Closed Weiqi97 closed 6 years ago
Is there an implementation issue that we need to change here or do we need to make clearer how the visualisations are implemented (either in the UI or in In the Margins)?
well, i don't think our methods are wrong; ... yes, but clarity is (really) needed
i was (also) surprised that k-means (on server, v3.1.1) performs PCA before both visualizations (PCA vs. Voronoi); my stats fail me here (as to why folks often use PCA prior to clustering)
@Weiqi97 noted that SciPy has a specific Voronoi method, independent of (but similar to) k-means;
I haven't looked closely at the documentation, so maybe I'm missing something, but isn't it because clustering takes place based on distances in Cartesian space, which can be calculated based on the points after PCA's dimensionality reduction?
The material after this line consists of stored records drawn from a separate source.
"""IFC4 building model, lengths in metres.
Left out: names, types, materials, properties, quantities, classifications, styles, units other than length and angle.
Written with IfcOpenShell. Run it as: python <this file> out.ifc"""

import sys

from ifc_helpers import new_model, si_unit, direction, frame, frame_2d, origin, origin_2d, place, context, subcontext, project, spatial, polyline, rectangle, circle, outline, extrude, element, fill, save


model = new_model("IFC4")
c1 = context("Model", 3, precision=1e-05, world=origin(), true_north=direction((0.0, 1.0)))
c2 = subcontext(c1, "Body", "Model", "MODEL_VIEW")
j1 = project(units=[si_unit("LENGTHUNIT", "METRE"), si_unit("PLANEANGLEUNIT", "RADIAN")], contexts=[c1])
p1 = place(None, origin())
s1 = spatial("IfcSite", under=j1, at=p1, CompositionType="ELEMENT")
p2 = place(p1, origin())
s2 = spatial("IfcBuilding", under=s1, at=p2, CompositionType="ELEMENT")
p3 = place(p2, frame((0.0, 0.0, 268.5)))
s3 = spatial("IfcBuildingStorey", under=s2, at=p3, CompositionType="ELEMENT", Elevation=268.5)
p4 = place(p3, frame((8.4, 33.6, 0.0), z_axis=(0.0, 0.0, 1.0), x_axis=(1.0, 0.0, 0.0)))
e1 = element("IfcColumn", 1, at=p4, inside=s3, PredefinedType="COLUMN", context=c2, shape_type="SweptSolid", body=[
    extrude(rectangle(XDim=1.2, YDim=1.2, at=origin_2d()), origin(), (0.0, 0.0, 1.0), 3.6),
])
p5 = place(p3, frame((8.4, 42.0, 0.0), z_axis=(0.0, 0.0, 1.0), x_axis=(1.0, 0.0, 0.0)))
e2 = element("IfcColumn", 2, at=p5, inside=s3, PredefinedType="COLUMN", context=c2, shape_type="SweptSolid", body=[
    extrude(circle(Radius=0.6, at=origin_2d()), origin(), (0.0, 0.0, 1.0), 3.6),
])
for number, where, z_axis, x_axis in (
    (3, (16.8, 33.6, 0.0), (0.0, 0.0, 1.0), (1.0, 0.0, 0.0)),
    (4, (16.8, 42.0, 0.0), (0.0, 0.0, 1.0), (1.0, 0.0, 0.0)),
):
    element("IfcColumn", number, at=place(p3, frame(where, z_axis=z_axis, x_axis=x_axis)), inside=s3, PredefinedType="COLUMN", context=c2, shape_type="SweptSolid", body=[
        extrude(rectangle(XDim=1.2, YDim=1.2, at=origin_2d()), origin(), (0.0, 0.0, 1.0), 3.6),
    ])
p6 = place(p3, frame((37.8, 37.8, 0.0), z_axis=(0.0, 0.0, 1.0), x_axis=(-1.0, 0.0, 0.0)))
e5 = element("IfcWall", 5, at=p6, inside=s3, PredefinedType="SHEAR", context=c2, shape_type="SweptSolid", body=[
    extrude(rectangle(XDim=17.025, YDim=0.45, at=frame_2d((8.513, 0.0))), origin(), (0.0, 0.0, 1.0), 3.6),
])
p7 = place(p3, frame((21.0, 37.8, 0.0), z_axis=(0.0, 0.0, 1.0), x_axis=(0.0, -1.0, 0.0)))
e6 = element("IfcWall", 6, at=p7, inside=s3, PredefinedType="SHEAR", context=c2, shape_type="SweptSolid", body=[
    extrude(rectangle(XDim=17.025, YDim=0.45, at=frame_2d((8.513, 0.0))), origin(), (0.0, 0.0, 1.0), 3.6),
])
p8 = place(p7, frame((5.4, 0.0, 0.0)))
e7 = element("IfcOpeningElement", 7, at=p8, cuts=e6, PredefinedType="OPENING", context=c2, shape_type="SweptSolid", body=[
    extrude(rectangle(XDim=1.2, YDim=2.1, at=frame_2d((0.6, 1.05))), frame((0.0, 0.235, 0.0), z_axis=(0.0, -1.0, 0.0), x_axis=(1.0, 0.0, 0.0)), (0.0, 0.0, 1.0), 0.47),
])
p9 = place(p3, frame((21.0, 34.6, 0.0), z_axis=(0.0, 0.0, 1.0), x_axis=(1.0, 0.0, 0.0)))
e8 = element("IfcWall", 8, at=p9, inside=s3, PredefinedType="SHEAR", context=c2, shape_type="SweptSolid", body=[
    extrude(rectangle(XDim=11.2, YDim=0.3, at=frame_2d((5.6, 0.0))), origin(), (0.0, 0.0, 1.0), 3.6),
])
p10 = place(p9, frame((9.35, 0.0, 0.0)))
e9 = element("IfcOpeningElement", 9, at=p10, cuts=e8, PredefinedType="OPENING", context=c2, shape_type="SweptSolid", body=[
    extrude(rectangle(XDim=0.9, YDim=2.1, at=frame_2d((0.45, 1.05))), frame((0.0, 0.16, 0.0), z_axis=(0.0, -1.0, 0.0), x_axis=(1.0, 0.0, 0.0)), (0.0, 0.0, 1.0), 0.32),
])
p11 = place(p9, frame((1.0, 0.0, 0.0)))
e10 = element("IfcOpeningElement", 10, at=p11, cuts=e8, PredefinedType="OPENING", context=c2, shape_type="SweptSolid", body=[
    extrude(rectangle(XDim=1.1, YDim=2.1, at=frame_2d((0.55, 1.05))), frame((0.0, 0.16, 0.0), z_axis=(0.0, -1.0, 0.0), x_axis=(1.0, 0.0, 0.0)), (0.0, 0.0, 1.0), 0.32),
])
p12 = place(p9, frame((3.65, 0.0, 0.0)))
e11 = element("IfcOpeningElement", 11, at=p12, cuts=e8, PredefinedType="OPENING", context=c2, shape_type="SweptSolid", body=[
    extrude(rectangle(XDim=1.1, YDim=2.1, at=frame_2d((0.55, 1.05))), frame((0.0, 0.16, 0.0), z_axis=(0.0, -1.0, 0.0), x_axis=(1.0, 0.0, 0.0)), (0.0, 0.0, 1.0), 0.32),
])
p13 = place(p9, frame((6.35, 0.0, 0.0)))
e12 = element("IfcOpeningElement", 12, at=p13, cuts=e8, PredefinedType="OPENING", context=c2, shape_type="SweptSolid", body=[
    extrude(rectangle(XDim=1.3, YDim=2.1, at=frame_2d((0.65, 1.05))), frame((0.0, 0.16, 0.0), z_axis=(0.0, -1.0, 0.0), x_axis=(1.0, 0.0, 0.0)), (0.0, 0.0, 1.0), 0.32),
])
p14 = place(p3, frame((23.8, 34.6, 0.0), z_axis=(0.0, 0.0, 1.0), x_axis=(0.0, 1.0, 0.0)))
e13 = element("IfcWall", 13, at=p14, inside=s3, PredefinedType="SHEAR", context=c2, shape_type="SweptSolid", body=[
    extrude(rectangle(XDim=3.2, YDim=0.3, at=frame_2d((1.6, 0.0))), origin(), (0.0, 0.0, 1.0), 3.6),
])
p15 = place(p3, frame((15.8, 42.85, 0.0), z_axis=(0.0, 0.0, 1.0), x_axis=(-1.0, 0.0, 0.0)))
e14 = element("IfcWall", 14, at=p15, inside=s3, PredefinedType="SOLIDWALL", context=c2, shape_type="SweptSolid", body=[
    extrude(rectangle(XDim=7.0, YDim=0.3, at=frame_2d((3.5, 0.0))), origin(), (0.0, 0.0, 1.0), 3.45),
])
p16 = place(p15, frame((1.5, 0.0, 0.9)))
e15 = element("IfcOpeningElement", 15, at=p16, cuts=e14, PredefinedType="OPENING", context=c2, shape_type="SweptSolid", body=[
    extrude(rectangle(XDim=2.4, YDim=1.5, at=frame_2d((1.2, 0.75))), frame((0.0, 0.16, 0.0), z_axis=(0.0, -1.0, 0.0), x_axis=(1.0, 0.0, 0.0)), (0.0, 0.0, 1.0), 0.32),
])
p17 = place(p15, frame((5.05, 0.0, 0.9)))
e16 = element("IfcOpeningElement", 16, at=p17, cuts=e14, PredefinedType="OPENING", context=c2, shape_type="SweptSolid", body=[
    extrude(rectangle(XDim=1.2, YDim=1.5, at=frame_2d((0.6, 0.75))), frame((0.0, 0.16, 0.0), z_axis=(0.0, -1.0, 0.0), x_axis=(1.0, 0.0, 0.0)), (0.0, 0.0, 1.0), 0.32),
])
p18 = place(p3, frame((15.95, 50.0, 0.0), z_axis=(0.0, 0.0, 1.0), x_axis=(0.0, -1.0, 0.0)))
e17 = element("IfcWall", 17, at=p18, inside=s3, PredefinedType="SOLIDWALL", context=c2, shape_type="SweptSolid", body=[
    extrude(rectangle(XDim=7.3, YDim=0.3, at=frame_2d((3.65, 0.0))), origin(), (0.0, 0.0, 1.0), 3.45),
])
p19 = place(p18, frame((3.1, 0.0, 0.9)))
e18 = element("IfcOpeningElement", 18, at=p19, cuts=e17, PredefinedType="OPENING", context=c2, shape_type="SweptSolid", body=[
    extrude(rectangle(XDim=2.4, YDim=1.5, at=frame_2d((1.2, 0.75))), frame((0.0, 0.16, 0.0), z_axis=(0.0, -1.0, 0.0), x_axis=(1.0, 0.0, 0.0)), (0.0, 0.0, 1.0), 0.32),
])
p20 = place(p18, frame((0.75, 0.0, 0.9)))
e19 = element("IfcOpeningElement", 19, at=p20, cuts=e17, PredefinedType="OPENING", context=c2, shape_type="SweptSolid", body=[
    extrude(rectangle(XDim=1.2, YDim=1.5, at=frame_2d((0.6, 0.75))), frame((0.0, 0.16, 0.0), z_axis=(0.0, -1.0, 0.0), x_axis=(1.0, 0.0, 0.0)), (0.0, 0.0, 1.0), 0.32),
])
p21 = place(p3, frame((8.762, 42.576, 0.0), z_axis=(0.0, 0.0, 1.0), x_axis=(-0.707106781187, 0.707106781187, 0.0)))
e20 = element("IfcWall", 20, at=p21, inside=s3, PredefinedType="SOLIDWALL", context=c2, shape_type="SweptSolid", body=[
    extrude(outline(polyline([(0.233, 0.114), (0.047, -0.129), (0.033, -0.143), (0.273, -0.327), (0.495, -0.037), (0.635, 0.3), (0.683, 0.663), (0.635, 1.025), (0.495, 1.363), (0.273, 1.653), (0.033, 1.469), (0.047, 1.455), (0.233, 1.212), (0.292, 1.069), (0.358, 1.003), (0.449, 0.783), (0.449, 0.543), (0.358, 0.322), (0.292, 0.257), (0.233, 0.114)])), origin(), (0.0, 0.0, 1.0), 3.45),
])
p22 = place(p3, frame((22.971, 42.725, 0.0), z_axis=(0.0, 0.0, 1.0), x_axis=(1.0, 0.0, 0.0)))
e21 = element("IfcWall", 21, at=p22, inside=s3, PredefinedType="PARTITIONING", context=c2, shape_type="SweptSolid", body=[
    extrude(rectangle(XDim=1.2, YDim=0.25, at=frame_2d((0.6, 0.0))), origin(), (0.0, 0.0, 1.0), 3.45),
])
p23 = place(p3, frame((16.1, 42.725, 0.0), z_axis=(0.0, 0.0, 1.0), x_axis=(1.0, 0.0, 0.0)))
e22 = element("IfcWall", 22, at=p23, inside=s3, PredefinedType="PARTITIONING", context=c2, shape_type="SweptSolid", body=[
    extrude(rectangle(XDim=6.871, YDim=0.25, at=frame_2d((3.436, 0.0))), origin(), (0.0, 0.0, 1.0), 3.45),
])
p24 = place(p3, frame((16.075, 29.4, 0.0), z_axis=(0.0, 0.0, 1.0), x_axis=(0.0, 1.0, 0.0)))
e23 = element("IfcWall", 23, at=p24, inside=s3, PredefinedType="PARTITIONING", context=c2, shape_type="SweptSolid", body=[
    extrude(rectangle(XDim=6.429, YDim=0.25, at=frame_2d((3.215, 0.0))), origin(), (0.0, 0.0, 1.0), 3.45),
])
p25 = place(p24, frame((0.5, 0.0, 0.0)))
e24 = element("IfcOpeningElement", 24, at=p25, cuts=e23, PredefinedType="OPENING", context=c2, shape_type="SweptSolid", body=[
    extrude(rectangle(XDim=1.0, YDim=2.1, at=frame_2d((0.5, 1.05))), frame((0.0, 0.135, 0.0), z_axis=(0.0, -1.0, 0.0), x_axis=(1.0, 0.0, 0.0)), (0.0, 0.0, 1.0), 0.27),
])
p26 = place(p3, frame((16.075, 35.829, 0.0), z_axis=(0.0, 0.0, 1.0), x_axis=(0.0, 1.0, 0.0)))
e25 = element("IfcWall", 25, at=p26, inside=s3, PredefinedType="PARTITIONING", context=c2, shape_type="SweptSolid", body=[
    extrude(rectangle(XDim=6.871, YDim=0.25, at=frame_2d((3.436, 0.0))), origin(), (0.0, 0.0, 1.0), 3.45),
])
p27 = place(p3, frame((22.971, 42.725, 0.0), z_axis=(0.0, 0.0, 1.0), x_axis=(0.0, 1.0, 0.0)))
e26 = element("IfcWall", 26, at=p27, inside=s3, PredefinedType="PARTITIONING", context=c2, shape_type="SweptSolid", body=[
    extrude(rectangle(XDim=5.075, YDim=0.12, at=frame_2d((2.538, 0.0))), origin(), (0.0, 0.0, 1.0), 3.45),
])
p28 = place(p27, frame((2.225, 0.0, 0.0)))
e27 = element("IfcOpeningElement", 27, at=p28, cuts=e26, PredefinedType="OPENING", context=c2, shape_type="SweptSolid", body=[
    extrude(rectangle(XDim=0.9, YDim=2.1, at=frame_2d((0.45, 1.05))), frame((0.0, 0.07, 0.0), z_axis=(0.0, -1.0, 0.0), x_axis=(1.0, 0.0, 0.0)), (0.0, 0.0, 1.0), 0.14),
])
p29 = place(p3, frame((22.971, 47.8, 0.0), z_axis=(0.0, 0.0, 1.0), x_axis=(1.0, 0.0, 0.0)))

But clustering can also be done without this pre-processing step.
I did not use the Voronoi method from SciPy library. Instead, I changed the visualization method name from PCA to 2D-Scatter. Also a 3D-Scatter visualization method was added. In the documentation, we should mention that we perform PCA with 2 components before Voronoi and 2D-Scatter, as well as saying that we perform PCA with 3 components before 3D-Scatter.
I got a bit confused working on K-Means. In current master/live server, we define PCA and Voronoi to be two different visualizations of the K-Means clustering result. However, I think K-Means, PCA and Voronoi are three different things.